NOT YOUR USUAL SUSPECTS

A group blog featuring an international array of killer mystery, suspense, and romantic suspense writers. With premises and story lines different from your run-of-the-mill whodunits, we tend to write outside the box. We blog several times a week on all topics relating to romantic suspense and mystery, our writing, and our readers. We welcome all comments and often have guest bloggers. All our authors can be contacted separately, too, using their own social media links.

We find our genre delightfully, dangerously, and deliciously exciting - join us here, if you do too!

NOTE: the blog is currently dormant but please enjoy the posts we're keeping online.


Julie Moffet . Cathy Perkins . Jean Harrington . Daryl Anderson . Nico Rosso . Maureen A Miller . Sandy Parks . Lisa Q Mathews . Sharon Calvin . Lynne Connolly . Janis Patterson . Vanessa Keir . Tonya Kappes . Julie Rowe . Joni M Fisher . Leslie Langtry

Friday, February 26, 2016

A BELATED VALENTINE


For better or worse, here’s a little true story I entered in a Valentine’s Day contest sponsored by Southwest Florida’s Spotlight Magazine.  It won a box of Norman Love Chocolates.  Strictly speaking, this is not a mystery except in one regard—that two people can stay married as long as John and I have without killing each other.  Or even wanting to. (I think that’s called romantic suspense.)  Here goes:

BUS STOP

Well, it wasn’t a Streetcar Named Desire.  And Judy Garland wasn’t singing The Trolley Song.  But I remember the night John and I met on that Hope Street bus as if someone wrote a play about it and someone sang a song.

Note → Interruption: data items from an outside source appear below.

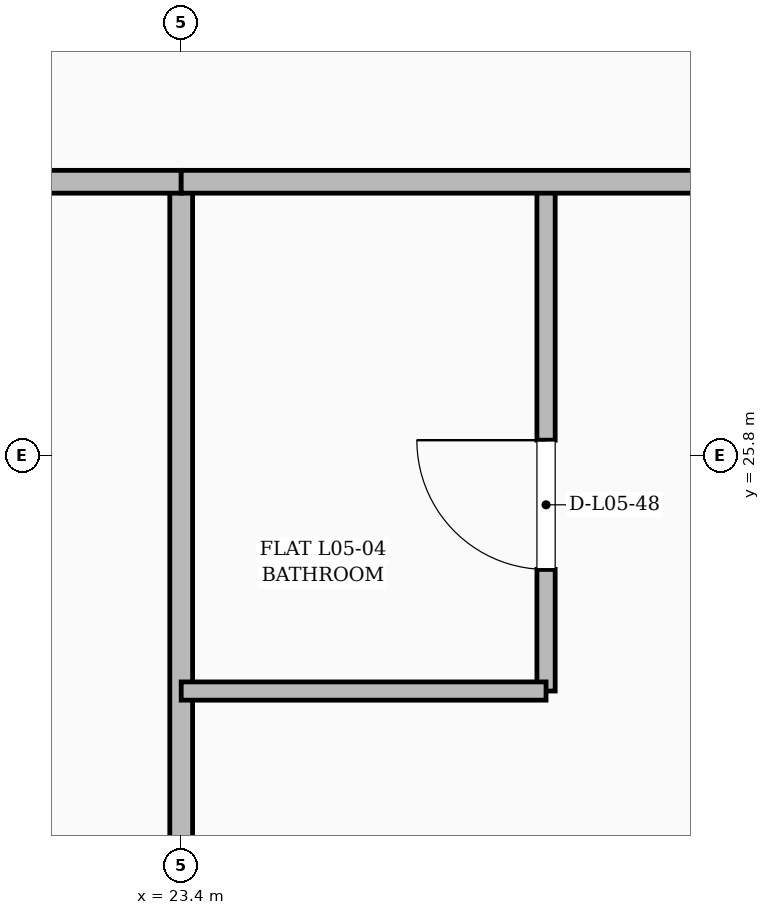
"""IFC4 building model, lengths in metres.
Left out: names, types, materials, properties, quantities, classifications, styles, units other than length and angle.
Written with IfcOpenShell. Run it as: python <this file> out.ifc"""

import sys

from ifc_helpers import new_model, si_unit, direction, frame, frame_2d, origin, place, context, subcontext, project, spatial, rectangle, extrude, source, transform, mapped, element, fill, save


model = new_model("IFC4")
c1 = context("Model", 3, precision=1e-05, world=origin(), true_north=direction((0.0, 1.0)))
c2 = subcontext(c1, "Body", "Model", "MODEL_VIEW")
j1 = project(units=[si_unit("LENGTHUNIT", "METRE"), si_unit("PLANEANGLEUNIT", "RADIAN")], contexts=[c1])
p1 = place(None, origin())
s1 = spatial("IfcSite", under=j1, at=p1, CompositionType="ELEMENT")
p2 = place(p1, origin())
s2 = spatial("IfcBuilding", under=s1, at=p2, CompositionType="ELEMENT")
p3 = place(p2, frame((0.0, 0.0, 23.5)))
s3 = spatial("IfcBuildingStorey", under=s2, at=p3, CompositionType="ELEMENT", Elevation=23.5)
p4 = place(p3, frame((23.4, 3.145, 0.0), z_axis=(0.0, 0.0, 1.0), x_axis=(0.0, 1.0, 0.0)))
e1 = element("IfcWall", 1, at=p4, inside=s3, PredefinedType="PARTITIONING", context=c2, shape_type="SweptSolid", body=[
    extrude(rectangle(XDim=24.455, YDim=0.15, at=frame_2d((12.228, 0.0))), origin(), (0.0, 0.0, 1.0), 2.752),
])
p5 = place(p3, frame((15.6, 27.6, 0.0), z_axis=(0.0, 0.0, 1.0), x_axis=(1.0, 0.0, 0.0)))
e2 = element("IfcWall", 2, at=p5, inside=s3, PredefinedType="PARTITIONING", context=c2, shape_type="SweptSolid", body=[
    extrude(rectangle(XDim=7.8, YDim=0.15, at=frame_2d((3.9, 0.0))), origin(), (0.0, 0.0, 1.0), 2.752),
])
p6 = place(p5, frame((5.172, 0.0, 0.0)))
e3 = element("IfcOpeningElement", 3, at=p6, cuts=e2, PredefinedType="OPENING", context=c2, shape_type="SweptSolid", body=[
    extrude(rectangle(XDim=0.95, YDim=2.15, at=frame_2d((0.475, 1.075))), frame((0.0, 0.085, 0.0), z_axis=(0.0, -1.0, 0.0), x_axis=(1.0, 0.0, 0.0)), (0.0, 0.0, 1.0), 0.17),
])
p7 = place(p3, frame((25.8, 24.25, 0.0), z_axis=(0.0, 0.0, 1.0), x_axis=(0.0, 1.0, 0.0)))
e4 = element("IfcWall", 4, at=p7, inside=s3, PredefinedType="PARTITIONING", context=c2, shape_type="SweptSolid", body=[
    extrude(rectangle(XDim=3.35, YDim=0.12, at=frame_2d((1.675, 0.0))), origin(), (0.0, 0.0, 1.0), 2.94),
])
p8 = place(p7, frame((0.8, 0.0, 0.0)))
e5 = element("IfcOpeningElement", 5, at=p8, cuts=e4, PredefinedType="OPENING", context=c2, shape_type="SweptSolid", body=[
    extrude(rectangle(XDim=0.85, YDim=2.1, at=frame_2d((0.425, 1.05))), frame((0.0, 0.07, 0.0), z_axis=(0.0, -1.0, 0.0), x_axis=(1.0, 0.0, 0.0)), (0.0, 0.0, 1.0), 0.14),
])
p9 = place(p3, frame((23.4, 24.25, 0.0), z_axis=(0.0, 0.0, 1.0), x_axis=(1.0, 0.0, 0.0)))
e6 = element("IfcWall", 6, at=p9, inside=s3, PredefinedType="PARTITIONING", context=c2, shape_type="SweptSolid", body=[
    extrude(rectangle(XDim=2.4, YDim=0.12, at=frame_2d((1.2, 0.0))), origin(), (0.0, 0.0, 1.0), 2.752),
])
p10 = place(p3, frame((23.4, 27.6, 0.0), z_axis=(0.0, 0.0, 1.0), x_axis=(1.0, 0.0, 0.0)))
e7 = element("IfcWall", 7, at=p10, inside=s3, PredefinedType="PARTITIONING", context=c2, shape_type="SweptSolid", body=[
    extrude(rectangle(XDim=7.2, YDim=0.15, at=frame_2d((3.6, 0.0))), origin(), (0.0, 0.0, 1.0), 2.752),
])
p11 = place(p10, frame((4.706, 0.0, 0.0)))
e8 = element("IfcOpeningElement", 8, at=p11, cuts=e7, PredefinedType="OPENING", context=c2, shape_type="SweptSolid", body=[
    extrude(rectangle(XDim=0.95, YDim=2.15, at=frame_2d((0.475, 1.075))), frame((0.0, 0.085, 0.0), z_axis=(0.0, -1.0, 0.0), x_axis=(1.0, 0.0, 0.0)), (0.0, 0.0, 1.0), 0.17),
])
m1 = source(origin(), c2, "Body", "SweptSolid", [
    extrude(rectangle(XDim=0.85, YDim=2.1, at=frame_2d((0.425, 1.05))), frame((0.0, 0.025, 0.0), z_axis=(0.0, -1.0, 0.0), x_axis=(1.0, 0.0, 0.0)), (0.0, 0.0, 1.0), 0.05),
])
p12 = place(p8, origin())
e9 = element("IfcDoor", 9, at=p12, inside=s3, OperationType="SINGLE_SWING_RIGHT", PredefinedType="DOOR", context=c2, shape_type="MappedRepresentation", body=[
    mapped(m1, transform((0.0, 0.0, 0.0), x_axis=(1.0, 0.0, 0.0), y_axis=(0.0, 1.0, 0.0), z_axis=(0.0, 0.0, 1.0), scale=1.0)),
])
fill(e5, e9)
save(model, sys.argv[1])

We were both live-at-home students at Bryant College in Providence, Rhode Island.  It was a Friday evening in October, and I was on my to help decorate Bryant’s gymnasium for a Halloween dance Phi Sigma Nu fraternity was holding the next night—a semi-formal, which meant girls would wear dresses and heels and boys would wear jackets and ties.  I was looking forward to it.  Even more so when a handsome Phi Sig guy I’d seen around campus hopped on the bus, and I guessed he was going to help out too.

The bus was crowded, so he took the seat next to mine.  As the bus lurched along, starting and stopping at every other block, we began talking and were soon exchanging names.  Wasn’t it the neatest thing in the world that both our names began with J?  Think of it.  How often did that happen?  He loved the same classes I did (business and English) and, even better, hated the same ones (sociology and accounting).

When our stop came, we stepped onto the sidewalk in front of the Rexall Drugstore on the corner of Thayer and Waterman Streets.  John said, “It’s kind of dark out tonight.  Would you like me to walk you over to Bryant?”

Would I?  I’d been hoping he’d ask but would have died before letting on.  So I accepted his offer with a noncommittal and very sophisticated, “Okay,” but my heart was pounding.  Far from being the prettiest girl on campus, not even near to such a designation, my self-esteem was pretty close to zero.  What I didn’t know until much later was that John’s self-image was shaky too.

But on that night, the stars were in alignment.  Either that or some cosmic aura was shining on us.  For the truth is that two shy, unspoiled kids had found each other.  Though only exchanging uncertain glances, not daring to hold hands, and only speaking of superficial inanities—still, we had found each other, and somehow we knew it.

We still do.  We’ve been married since before the Alps peaked up, and over the years we have loved and argued in equal measure.  But even after all this time, John and I grow nostalgic whenever we talk about the October night we first met.  The night we took a bus ride on Hope.

9 comments:

Clare London said...

Jean, what a lovely story! And so lovingly written, too. You deserved those chocolates x

CathyP said...

Happiness :)

jean harrington said...

Thanks Clare and Cathy, a bit of shameless grandstanding here, but do forgive me. It won't happen again!

Anne Marie Becker said...

Ah, how lovely. I totally understand how you two came together and just knew it was right, and the stars aligned, or whatever. That's kind of how my husband and I met. So sweet. Thanks for sharing!

LIsa Q. Mathews said...

Loved this story, Jean--and best of all, it's true!!!

jean harrington said...

Thanks to Anne Marie and Lisa, Yup, happiness is an old husband!

Marcelle Dubé said...

Aw, Jean. What a lovely story! Thanks for sharing.

Rita said...

I have a broad grin. Thanks for sharing.

jean harrington said...

Marcelle and Rita, thank you for the warmth.